ところが尋問していると思っていた人物はすでにゴミ収集所を去り、牢屋には女盗賊の声しか聞こえない。確かに、俺とは興味のある会話で長引いたが、盗賊相手に話すことが多くもなかったのだろう。それに加えて、ゴミ収集所の閉館時間を知っていれば残る理由はないと言えた。
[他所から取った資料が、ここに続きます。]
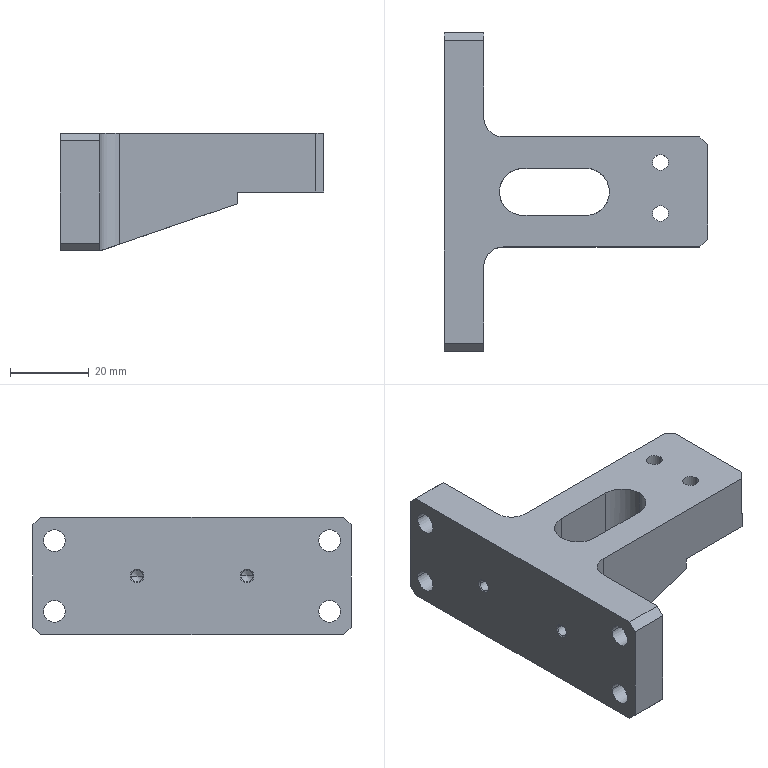Component | SolidWorks | AX.B92.SA.7371.20-2 | 1 solid | 60 faces | box 67 x 81 x 30 mm | volume 48369 mm3 | cylinder 25 | plane 23 | cone 12 | commonest cylinder face diameters 5.5 x8 4 x4 6 x4 3 x4 12 x3 10 x2 | material 6061
build123d program:
from build123d import *

# Parameters (mm, degrees)
BOSS_EXTRUDE1_DEPTH                 = 15
SKETCH2_W                           = 28
SKETCH2_H                           = 22
CUT_EXTRUDE1_DEPTH                  = 15
SKETCH3_W                           = 81
SKETCH3_H                           = 30
BOSS_EXTRUDE2_DEPTH                 = 10
FILLET2_R                           = 5
CHAMFER1_SIZE                       = 2
CUT_EXTRUDE2_DEPTH                  = 84.841
CUT_EXTRUDE3_DEPTH                  = 50
F_5_5_5_5_DIAMETER_HOLE1_D          = 5.5
SIZE_MM_DOWEL_PIN_HOLE1_D           = 3
SIZE_MM_DOWEL_PIN_HOLE1_DEPTH       = 10
SIZE_MM_DOWEL_PIN_HOLE1_CSINK_D     = 3.5
SIZE_MM_DOWEL_PIN_HOLE1_CSINK_ANGLE = 90
SIZE_MM_DOWEL_PIN_HOLE1_TIP         = 0.9013
SKETCH10_R                          = 3
CUT_EXTRUDE4_DEPTH                  = 4
M4_TAPPED_HOLE1_D                   = 4
M4_TAPPED_HOLE1_CSINK_D             = 4.05
M4_TAPPED_HOLE1_CSINK_ANGLE         = 90


with BuildPart() as part:
    # Sketch1 → Boss-Extrude1 (new, symmetric)
    with BuildSketch(Plane(origin=(0, 0, 0), x_dir=(1, 0, 0), z_dir=(0, 1, 0))):
        Polygon((0, 0), (-14, 0), (-14, 57), (14, 57), (14, 0), align=None)
    extrude(amount=BOSS_EXTRUDE1_DEPTH, both=True)

    # Sketch2 → Cut-Extrude1 (cut)
    with BuildSketch(Plane(origin=(0, 15, 0), x_dir=(1, 0, 0), z_dir=(0, 1, 0))):
        with Locations((0, 11)):
            Rectangle(SKETCH2_W, SKETCH2_H)
    extrude(amount=-CUT_EXTRUDE1_DEPTH, mode=Mode.SUBTRACT)

    # Sketch3 → Boss-Extrude2 (add)
    with BuildSketch(Plane(origin=(0, 0, -57), x_dir=(-1, 0, 0), z_dir=(0, 0, -1))):
        Rectangle(SKETCH3_W, SKETCH3_H)
    extrude(amount=BOSS_EXTRUDE2_DEPTH)

    # Fillet2
    fillet2_edges = [part.edges().sort_by_distance(p)[0] for p in [
        (-14, 0, -57),
        (14, 0, -57),
    ]]
    fillet(fillet2_edges, radius=FILLET2_R)

    # Chamfer1
    chamfer1_edges = [part.edges().sort_by_distance(p)[0] for p in [
        (14, -7.5, 0),
        (-14, -7.5, 0),
        (40.5, 15, -62),
        (40.5, -15, -62),
        (-40.5, -15, -62),
        (-40.5, 15, -62),
    ]]
    chamfer(chamfer1_edges, length=CHAMFER1_SIZE)

    # Sketch4 → Cut-Extrude2 (cut, through all)
    with BuildSketch(Plane(origin=(0, 15, 0), x_dir=(1, 0, 0), z_dir=(0, 1, 0))):
        with BuildLine():
            Line((6, 47), (6, 31))
            ThreePointArc((6, 31), (0, 25), (-6, 31))
            Line((-6, 31), (-6, 47))
            ThreePointArc((-6, 47), (0, 53), (6, 47))
        make_face()
    extrude(amount=-CUT_EXTRUDE2_DEPTH, mode=Mode.SUBTRACT)

    # Sketch5 → Cut-Extrude3 (cut, symmetric)
    with BuildSketch(Plane.ZY.offset(14)):
        Polygon((-22, 3), (-57, 15), (-22, 15), align=None)
    extrude(amount=CUT_EXTRUDE3_DEPTH, both=True, mode=Mode.SUBTRACT)

    # 5.5 _5.5_ Diameter Hole1 (through all)
    with Locations(Plane.XY.offset(-57)):
        with Locations((-35, 9), (-35, -9), (35, -9), (35, 9)):
            Hole(F_5_5_5_5_DIAMETER_HOLE1_D / 2)

    # Size mm Dowel Pin Hole1
    with Locations(Plane(origin=(0, 0, -67), x_dir=(-1, 0, 0), z_dir=(0, 0, -1))):
        with Locations((-14, 0), (14, 0)):
            CounterSinkHole(SIZE_MM_DOWEL_PIN_HOLE1_D / 2, SIZE_MM_DOWEL_PIN_HOLE1_CSINK_D / 2, depth=SIZE_MM_DOWEL_PIN_HOLE1_DEPTH, counter_sink_angle=SIZE_MM_DOWEL_PIN_HOLE1_CSINK_ANGLE)
            with Locations((0, 0, -(SIZE_MM_DOWEL_PIN_HOLE1_DEPTH + SIZE_MM_DOWEL_PIN_HOLE1_TIP / 2))):  # 118° drill point
                Cone(0, SIZE_MM_DOWEL_PIN_HOLE1_D / 2, SIZE_MM_DOWEL_PIN_HOLE1_TIP, mode=Mode.SUBTRACT)

    # Sketch10 → Cut-Extrude4 (cut)
    with BuildSketch(Plane(origin=(0, 0, 0), x_dir=(1, 0, 0), z_dir=(0, 1, 0))):
        with Locations(Location((-7.5, 12, 0), (0, 0, 270))):
            Circle(SKETCH10_R)
        with Locations(Location((5.5, 12, 0), (0, 0, 270))):
            Circle(SKETCH10_R)
    extrude(amount=-CUT_EXTRUDE4_DEPTH, mode=Mode.SUBTRACT)

    # M4 Tapped Hole1 (through all)
    with Locations(Plane(origin=(0, -4, 0), x_dir=(1, 0, 0), z_dir=(0, 1, 0))):
        with Locations((-7.5, 12), (5.5, 12)):
            CounterSinkHole(M4_TAPPED_HOLE1_D / 2, M4_TAPPED_HOLE1_CSINK_D / 2, counter_sink_angle=M4_TAPPED_HOLE1_CSINK_ANGLE)


solid = part.part

# Placed as in the assembly
solid = solid.moved(Location((209.421, 53.688, 57.972), (-90, 90, 0)))

その事実にローヤルはプルプルと震えると鉄格子を拳で叩きつける。

「分かったら出て行ってほしいっすね。お連れの方々はすでに宿屋の方で宴会でも始めているんじゃないっすか?」

少年のような少女が楽しい安らぎの地へ誘うためにそう言ったのだろうが、ローヤルが返事も頷くこともしない。だが、この国の主がマザーであるのと同時、規則を重んじる【ナレッジラウ】の人間であるローヤルは他国で規則を破ることもできない。

だからローヤルは尋ねることしかできないようだった。

「明日ならば尋問はできるんだろうな」

「それは構わないっすよ。ここは朝早くに開くっすから、それからなら大丈夫っす」

「そうか、理解した。今日はここまでだが、明日は一日をお前に使ってやる」

ほとんど八つ当たりだろうと俺は思う。だから返事も返さず明日に備えて横になろうとした。

だが、マザーの自由はそこで終わらない。

「なにしてるっすか?」

「は?」

「ホタルは昼間働かない分、夜働けだそうっすよ。早く出てほしいっす」

「「な、何っ!?」」

初めてローヤルと心から同じ気持ちなった気がした。

「牢屋から出す……だと」

呆然と呟くローヤルを放っておいて、俺は行動の自由を尋ねた。

「従業員は休むの自由だろ」

「休んじゃダメっすよ、休憩は自由っすけど」

だが、俺の知らないルールがそこにある。

「うそ……」

「知らなかったっすか? ここでは従業員が休憩するのにもお金が掛かるっす。それは給料から天引きされてるッすよ。ちなみに今日からホタルは休憩ナシって通告がマザーから出てるッす。さすが、数日間働き通しでも倒れないメイクスっすね、尊敬するッすよ」

言葉が無くなった俺は、どのみち従う選択肢しかないことに牢屋を出た。そして、横に並んだローヤルと視線が絡むと仲間に思えてきた。

「同情していいか?」

「くっ、貴様にだけはされたくない!」

だろうな、と思いながら少年のような少女の後を追いかける途中、同僚たちの笑みを思い出した。あれは俺がいなくなることで自分達の仕事が増える事を期待していた笑みだと思っていた。だが違う、あいつらはこうなることを知っていたんだ。

「おい、俺は、俺も働いてやってもいいんだ! 一緒に出せっ!」

後で一人残される女盗賊が叫ぶ声を聞きながら、ここから働く時間帯の仕事を全て、俺を騙した奴らかと奪い取ってやろうと決意していたのだった。